Persaud and Plender acknowledge the ultimate dependence on major philosophical traditions of the guidance provided in their checklists for economic actors. However, they shy away from extensive exploration of differences in these traditions likely to be relevant to financial ethics. Instead they choose to point to globally shared features of different ethical systems such as truth, compassion, responsibility, freedom, reverence for life, and fairness as necessary foundations. But the very generality of such features precludes discussion of the relationship between historically observed differences in financial systems, on the one hand, and in the ethical and cultural principles which underpin them, on the other.

These differences have involved such subjects as the respective roles of institutionally determined as opposed to individual ethics, primary reliance on competition in the markets for goods and services as an agent for enforcing economic discipline, and the weights attributed to the different corporate objectives of firms' activities as well as to the interests of not only their shareholders but also other stakeholders (a term which, roughly speaking, denotes those other than shareholders who are significantly affected by a firm's decisions).
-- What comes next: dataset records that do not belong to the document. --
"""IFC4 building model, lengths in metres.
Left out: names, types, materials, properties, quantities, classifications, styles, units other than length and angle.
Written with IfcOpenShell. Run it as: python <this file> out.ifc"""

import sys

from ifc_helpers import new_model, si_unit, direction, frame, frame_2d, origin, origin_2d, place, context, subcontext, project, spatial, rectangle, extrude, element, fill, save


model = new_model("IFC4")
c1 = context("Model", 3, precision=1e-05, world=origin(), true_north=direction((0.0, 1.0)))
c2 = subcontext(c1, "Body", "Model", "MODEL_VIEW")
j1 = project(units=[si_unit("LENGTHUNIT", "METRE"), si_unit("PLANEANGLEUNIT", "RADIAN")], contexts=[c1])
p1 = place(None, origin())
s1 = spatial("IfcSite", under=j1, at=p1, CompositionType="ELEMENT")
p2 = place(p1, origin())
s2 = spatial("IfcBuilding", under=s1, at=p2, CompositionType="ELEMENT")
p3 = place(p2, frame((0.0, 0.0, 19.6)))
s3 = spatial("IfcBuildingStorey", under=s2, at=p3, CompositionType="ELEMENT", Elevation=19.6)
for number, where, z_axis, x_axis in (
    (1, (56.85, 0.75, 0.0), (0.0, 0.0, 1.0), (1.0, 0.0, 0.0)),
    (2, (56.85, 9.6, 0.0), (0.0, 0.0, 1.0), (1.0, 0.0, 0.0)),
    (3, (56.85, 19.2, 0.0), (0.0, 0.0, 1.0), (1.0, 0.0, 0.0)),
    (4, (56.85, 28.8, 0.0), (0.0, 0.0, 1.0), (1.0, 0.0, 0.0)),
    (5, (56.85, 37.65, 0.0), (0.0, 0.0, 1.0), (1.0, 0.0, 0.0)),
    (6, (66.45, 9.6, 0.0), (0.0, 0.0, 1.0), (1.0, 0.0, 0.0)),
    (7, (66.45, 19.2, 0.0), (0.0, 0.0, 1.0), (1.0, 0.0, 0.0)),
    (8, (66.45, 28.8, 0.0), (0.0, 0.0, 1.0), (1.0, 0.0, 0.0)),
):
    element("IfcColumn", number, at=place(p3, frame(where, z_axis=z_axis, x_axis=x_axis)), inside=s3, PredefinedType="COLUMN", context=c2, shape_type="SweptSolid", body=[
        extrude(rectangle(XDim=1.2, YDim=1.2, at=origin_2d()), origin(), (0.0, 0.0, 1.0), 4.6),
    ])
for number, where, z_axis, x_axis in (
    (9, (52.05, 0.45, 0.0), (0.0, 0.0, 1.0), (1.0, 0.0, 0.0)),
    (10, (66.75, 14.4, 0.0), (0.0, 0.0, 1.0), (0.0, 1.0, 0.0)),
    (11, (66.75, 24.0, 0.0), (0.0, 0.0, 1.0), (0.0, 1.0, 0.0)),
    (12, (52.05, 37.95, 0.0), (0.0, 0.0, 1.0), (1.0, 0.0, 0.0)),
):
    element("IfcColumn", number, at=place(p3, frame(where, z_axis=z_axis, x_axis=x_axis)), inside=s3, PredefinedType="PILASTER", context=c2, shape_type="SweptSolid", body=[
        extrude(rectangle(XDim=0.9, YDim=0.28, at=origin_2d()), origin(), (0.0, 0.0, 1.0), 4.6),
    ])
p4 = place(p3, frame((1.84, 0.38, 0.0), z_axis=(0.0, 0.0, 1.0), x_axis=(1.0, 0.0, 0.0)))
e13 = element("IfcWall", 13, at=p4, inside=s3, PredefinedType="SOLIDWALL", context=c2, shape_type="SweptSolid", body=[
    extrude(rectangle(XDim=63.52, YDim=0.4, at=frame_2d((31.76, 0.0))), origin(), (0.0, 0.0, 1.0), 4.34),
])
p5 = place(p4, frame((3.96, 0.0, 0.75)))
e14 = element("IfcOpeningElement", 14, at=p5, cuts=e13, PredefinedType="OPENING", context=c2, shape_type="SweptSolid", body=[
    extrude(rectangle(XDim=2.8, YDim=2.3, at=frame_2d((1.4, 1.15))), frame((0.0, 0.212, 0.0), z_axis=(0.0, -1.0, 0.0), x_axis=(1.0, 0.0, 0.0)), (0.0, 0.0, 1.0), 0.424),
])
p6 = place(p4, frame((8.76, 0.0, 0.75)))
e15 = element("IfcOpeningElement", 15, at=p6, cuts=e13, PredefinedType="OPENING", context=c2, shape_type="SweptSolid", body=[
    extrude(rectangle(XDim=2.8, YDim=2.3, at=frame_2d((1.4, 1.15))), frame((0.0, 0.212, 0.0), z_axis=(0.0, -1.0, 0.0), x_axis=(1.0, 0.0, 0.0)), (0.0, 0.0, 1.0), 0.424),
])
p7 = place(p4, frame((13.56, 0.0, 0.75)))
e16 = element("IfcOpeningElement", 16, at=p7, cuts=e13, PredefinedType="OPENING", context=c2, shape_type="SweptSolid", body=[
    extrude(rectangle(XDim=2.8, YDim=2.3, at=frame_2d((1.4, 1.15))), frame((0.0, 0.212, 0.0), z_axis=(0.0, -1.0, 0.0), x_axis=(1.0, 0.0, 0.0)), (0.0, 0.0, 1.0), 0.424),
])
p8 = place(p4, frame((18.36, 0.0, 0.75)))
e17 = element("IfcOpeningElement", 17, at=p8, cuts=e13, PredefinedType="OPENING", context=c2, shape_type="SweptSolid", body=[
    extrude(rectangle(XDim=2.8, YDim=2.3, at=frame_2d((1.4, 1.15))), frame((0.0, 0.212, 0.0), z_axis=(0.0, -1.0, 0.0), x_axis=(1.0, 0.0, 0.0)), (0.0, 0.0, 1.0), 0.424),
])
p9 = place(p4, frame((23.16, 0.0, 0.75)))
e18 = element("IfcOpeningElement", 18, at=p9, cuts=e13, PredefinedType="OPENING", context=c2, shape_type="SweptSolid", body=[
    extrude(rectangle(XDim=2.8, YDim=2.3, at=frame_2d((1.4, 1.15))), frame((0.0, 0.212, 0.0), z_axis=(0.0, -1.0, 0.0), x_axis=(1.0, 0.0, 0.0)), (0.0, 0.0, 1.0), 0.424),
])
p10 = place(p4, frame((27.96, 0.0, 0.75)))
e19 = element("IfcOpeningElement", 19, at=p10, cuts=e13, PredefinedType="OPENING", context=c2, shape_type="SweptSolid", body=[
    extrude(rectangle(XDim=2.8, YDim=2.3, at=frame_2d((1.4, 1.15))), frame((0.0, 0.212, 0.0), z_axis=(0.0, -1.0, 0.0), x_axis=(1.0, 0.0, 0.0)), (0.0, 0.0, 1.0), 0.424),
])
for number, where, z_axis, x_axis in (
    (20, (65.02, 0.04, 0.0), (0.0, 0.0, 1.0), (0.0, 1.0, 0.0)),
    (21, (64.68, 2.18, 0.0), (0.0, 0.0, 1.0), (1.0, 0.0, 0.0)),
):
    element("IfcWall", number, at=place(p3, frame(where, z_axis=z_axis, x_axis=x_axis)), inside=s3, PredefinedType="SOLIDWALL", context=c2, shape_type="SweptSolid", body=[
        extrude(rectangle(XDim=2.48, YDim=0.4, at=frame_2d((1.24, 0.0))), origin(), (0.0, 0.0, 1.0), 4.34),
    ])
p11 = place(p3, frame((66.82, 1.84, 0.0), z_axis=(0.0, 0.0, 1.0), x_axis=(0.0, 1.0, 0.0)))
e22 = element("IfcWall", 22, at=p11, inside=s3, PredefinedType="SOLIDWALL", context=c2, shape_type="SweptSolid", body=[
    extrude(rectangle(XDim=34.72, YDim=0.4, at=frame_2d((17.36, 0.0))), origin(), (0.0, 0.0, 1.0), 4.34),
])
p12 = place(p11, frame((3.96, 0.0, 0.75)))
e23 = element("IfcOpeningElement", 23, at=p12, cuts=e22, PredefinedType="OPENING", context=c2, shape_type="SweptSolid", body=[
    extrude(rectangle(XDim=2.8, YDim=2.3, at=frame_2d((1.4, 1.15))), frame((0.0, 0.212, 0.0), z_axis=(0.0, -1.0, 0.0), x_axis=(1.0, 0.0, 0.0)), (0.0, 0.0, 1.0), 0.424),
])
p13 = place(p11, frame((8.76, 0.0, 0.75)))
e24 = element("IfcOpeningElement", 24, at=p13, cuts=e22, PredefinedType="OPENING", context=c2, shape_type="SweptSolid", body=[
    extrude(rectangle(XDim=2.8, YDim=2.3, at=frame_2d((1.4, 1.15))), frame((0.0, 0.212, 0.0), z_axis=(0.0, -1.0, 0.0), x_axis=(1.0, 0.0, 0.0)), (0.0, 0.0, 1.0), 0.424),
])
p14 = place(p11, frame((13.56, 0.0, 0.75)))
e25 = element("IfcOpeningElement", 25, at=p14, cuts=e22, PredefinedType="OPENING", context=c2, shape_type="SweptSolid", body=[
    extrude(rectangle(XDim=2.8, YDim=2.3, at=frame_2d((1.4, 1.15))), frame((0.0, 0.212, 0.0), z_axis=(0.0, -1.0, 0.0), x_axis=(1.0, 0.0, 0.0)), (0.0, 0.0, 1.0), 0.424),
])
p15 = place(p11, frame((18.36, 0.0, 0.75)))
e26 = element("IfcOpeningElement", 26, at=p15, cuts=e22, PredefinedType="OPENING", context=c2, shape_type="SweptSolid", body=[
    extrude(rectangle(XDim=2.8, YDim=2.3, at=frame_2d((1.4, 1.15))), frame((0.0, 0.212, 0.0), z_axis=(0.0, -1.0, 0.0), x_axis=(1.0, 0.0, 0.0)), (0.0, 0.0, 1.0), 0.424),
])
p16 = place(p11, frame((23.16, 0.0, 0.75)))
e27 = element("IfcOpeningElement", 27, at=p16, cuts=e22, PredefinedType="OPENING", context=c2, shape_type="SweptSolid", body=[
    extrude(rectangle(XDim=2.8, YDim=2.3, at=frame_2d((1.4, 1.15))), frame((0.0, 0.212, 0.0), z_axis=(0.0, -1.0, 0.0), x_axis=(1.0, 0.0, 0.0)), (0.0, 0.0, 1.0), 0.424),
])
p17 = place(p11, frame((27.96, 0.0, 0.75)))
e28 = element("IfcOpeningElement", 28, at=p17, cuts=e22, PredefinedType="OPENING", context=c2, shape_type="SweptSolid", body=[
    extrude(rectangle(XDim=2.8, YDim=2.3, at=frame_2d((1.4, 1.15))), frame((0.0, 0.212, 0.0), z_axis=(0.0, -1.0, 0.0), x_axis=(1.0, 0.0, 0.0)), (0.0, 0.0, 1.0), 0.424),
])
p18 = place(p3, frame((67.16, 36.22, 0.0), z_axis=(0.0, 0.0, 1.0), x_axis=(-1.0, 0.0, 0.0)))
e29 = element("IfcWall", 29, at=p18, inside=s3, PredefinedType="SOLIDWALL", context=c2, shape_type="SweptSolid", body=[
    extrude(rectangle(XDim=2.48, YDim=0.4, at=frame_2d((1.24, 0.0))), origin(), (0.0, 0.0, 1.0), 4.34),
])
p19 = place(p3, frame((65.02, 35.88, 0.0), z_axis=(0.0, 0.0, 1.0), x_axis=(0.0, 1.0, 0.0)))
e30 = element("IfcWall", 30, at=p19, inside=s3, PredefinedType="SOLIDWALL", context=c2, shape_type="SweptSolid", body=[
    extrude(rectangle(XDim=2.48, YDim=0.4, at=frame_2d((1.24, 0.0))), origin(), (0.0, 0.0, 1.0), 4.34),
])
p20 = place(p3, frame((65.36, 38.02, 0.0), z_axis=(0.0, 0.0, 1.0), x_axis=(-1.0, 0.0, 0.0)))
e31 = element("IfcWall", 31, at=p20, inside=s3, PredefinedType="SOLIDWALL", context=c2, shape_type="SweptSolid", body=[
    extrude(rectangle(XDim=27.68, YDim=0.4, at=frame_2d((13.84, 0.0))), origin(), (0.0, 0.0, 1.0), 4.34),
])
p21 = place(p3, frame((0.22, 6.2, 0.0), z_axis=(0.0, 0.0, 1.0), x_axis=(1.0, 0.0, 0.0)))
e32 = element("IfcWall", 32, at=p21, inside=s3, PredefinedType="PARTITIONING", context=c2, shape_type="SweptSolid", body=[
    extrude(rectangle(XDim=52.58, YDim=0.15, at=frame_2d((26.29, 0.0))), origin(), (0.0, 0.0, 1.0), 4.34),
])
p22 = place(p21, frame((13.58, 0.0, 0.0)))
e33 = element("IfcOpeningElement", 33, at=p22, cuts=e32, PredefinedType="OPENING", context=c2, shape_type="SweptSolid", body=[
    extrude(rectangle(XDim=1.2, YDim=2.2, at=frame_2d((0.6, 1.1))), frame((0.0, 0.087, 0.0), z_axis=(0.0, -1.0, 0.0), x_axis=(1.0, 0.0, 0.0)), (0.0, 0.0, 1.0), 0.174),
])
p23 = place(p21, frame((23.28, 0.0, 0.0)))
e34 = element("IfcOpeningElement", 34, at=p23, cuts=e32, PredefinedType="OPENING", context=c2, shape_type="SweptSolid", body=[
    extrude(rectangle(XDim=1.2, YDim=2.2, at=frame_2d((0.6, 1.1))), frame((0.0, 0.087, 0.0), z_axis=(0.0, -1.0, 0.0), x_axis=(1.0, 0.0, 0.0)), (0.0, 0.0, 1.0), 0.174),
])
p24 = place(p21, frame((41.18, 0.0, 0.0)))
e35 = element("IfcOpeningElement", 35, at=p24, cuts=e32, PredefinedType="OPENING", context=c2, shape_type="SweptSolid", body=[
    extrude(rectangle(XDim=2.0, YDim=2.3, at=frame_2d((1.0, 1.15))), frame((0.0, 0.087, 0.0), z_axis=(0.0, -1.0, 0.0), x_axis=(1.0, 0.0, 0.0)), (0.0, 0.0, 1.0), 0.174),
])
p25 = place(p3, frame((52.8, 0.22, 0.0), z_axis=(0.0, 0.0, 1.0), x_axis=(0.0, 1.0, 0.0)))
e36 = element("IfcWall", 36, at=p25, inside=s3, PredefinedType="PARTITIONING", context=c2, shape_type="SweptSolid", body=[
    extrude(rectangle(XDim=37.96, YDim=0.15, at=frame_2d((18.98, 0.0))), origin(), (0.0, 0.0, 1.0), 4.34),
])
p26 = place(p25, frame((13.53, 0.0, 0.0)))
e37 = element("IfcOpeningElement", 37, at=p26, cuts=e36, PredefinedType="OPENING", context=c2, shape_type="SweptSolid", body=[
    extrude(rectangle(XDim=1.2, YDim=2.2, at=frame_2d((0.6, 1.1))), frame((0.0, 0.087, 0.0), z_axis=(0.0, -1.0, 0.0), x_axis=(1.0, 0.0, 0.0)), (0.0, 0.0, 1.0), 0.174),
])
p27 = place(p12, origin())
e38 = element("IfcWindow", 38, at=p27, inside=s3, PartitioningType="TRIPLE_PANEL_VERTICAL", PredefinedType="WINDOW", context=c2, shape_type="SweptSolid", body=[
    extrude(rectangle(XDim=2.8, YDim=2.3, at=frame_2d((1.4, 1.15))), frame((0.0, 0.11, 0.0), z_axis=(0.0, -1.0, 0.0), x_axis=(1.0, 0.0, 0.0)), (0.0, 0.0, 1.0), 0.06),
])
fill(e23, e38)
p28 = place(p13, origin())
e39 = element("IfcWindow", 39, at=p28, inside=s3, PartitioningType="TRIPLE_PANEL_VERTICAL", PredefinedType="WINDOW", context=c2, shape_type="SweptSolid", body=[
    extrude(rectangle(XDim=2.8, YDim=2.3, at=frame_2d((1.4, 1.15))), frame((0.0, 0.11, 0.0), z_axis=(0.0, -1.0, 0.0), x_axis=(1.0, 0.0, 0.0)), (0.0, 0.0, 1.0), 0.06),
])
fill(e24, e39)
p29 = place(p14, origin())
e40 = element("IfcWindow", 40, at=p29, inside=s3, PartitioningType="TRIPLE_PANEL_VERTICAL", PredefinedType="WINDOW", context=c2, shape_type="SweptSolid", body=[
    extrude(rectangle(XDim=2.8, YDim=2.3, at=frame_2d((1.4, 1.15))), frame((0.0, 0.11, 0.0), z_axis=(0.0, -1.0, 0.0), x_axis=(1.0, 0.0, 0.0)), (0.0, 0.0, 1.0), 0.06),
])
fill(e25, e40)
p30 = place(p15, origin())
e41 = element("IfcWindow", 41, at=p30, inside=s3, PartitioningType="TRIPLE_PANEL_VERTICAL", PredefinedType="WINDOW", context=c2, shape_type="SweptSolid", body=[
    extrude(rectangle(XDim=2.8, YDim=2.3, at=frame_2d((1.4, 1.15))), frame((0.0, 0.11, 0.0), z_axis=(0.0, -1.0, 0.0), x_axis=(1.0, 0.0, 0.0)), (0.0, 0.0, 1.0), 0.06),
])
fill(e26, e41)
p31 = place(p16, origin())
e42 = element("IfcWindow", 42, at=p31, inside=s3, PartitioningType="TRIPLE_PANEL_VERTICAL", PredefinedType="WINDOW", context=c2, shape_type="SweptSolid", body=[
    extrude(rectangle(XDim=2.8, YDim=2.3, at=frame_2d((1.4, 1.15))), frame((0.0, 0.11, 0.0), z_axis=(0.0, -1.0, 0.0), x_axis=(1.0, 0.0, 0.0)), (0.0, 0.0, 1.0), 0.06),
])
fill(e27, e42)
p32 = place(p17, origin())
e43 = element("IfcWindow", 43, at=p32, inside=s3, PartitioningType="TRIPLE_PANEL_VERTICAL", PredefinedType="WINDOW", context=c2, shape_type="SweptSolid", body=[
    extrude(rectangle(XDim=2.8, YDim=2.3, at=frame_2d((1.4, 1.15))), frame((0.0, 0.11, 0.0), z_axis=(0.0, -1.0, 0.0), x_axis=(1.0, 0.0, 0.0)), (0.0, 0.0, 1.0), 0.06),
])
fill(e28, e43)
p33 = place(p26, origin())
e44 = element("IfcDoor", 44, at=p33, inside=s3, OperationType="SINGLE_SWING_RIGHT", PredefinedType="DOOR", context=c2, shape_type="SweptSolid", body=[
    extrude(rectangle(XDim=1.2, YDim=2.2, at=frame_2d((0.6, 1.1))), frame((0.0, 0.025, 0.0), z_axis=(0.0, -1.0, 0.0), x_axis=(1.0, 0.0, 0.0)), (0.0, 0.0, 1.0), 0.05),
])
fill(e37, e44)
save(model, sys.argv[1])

Many of these subjects belong under the heading of models of corporate governance and of business models more generally.

Their inclusion in the discussion would no doubt have taken the authors further afield than they would have wanted. They might well justify their unwillingness to extend their discussion by their expressed belief that the world is converging on the US model of capitalism, so that consideration of alternatives would be redundant. However, this would be to ignore important ongoing political and economic controversy concerning the benefits and conceptual rationale of such alternatives. It seems quite likely that, contrary to the authors' assumption, the US model is at risk of losing ground even in quarters where it is currently ascendant owing to questions raised by the dysfunctionality of major features revealed in recent events. If there are major changes in the political and intellectual climate in response to these questions, in future editions of the book extension of the discussion to the systemic implications for ethics of alternative business models may become unavoidable.

Notes

These dimensions of derivatives and financial innovation are omnipresent in the comprehensive legal treatise, Henderson (2003), Chapter 14.

See, For example, the recent global survey of plans for introducing Basel 2 in Financial Stability Institute (2006). Other information at country level is summarised in Cornford (2006a, b).

References

Cornford, A. (2006a), “The global implementation of Basel II: prospects and outstanding problems”, United Nations Conference on Trade and Development Policy Issues in International Trade and Commodities Study Series No. 34, United Nations, New York, NY.

Cornford, A. (2006b), “Basel II: prospects for implementation and other recent developments”, www.fmcenter.org/site/pp.asp?c=8fLGJTOyHpE&b=224847.

Financial Stability Institute (2006), Implementation of the New Capital Adequacy Framework in non‐Basel Committee Member Countries. Summary of the Responses to the 2006 Follow‐Up Questionnaire on Basel II Implementation, Occasional Paper No. 6, BIS, Basel.

Henderson, S.K. (2003), Henderson on Derivatives, LexisNexisUK, London.